Generally speaking, we spend little to no time together. DH is always either out at a hobby or socialising or working late. On the rare occasion that we could spend some time together, DH will often choose to watch sport alone, although this is rare as he’s often just not in the house until very late. I don’t have a social life or any hobbies because inevitably on the nights that I’ve made plans DH is stuck at work (apparently) so I always need to scramble around for someone to watch DS last minute which is often unsuccessful or end up cancelling, which is really stressful. I don’t have a village or any real support so it’s just me.

DH has no interest in family life with me and DS and happily goes days without really seeing or speaking to either of us if he’s busy. I also do 99% of all chores, cooking, cleaning, childcare and all admin for running our house and family life.

I have tried to speak to DH about spending more time as a couple but he’s just not interested and is always too busy. I plan stuff with DS to busy myself on the weekends but I have been feeling quite lonely within my marriage for a few years now. I have tried to express how unhappy I am to DH but I’m largely just ignored as he doesn’t want to discuss it. I don’t get the impression that he’s actually happily married to me, but that he is happy with the arrangement as it suits him. I help him to run a business which makes a lot of money and allows him a lovely lifestyle (I have no access to this money) hence why he spends a lot of time out of the house socialising and doing hobbies.

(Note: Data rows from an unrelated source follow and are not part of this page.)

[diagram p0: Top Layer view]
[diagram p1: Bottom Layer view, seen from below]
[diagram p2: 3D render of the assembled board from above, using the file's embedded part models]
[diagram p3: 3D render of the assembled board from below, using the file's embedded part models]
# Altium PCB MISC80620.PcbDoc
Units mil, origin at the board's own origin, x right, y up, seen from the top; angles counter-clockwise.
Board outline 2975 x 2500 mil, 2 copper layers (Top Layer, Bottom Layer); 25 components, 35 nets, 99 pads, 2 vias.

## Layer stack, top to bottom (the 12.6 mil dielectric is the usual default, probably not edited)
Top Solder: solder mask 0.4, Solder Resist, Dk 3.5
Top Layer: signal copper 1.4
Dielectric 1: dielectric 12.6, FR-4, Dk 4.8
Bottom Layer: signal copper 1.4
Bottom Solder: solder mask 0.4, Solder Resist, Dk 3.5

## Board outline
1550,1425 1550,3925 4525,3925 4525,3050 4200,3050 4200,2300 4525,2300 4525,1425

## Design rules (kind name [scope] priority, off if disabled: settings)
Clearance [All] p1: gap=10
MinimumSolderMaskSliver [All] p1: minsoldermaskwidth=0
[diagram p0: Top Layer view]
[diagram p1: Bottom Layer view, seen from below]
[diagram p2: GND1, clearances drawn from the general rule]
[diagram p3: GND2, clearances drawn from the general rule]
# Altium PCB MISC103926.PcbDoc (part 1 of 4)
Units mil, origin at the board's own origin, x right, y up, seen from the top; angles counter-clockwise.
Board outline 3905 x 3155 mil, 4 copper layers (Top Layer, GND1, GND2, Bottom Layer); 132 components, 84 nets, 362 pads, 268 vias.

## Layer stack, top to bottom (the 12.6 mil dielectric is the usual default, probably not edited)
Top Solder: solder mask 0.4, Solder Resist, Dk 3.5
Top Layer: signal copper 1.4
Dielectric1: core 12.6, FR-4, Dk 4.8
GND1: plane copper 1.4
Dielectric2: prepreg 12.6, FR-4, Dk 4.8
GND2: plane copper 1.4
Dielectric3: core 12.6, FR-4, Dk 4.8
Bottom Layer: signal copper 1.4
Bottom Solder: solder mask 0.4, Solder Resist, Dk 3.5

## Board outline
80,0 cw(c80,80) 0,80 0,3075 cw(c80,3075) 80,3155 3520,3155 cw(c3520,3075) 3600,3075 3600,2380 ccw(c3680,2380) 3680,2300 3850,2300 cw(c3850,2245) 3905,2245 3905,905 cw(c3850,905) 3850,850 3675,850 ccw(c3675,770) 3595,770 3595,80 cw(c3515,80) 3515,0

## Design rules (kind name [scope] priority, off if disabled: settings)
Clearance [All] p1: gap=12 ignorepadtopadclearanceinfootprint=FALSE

Does anyone have any experience with this? Is there anything I should or could be doing to try to fix this?

OP posts:
GoldDuster · Today 11:38

Is there anything I should or could be doing to try to fix this?

I think that the only thing you could do to "fix" this, is to completely let go of any needs or desires or expectations of your own, and exist as a domestic appliance for this man until he eventually decides it's not enough for him either.

Honestly, you're doing it alone, you may as well call it quits and get some peace. This is a dead horse I wouldn't be wanting to flog any longer.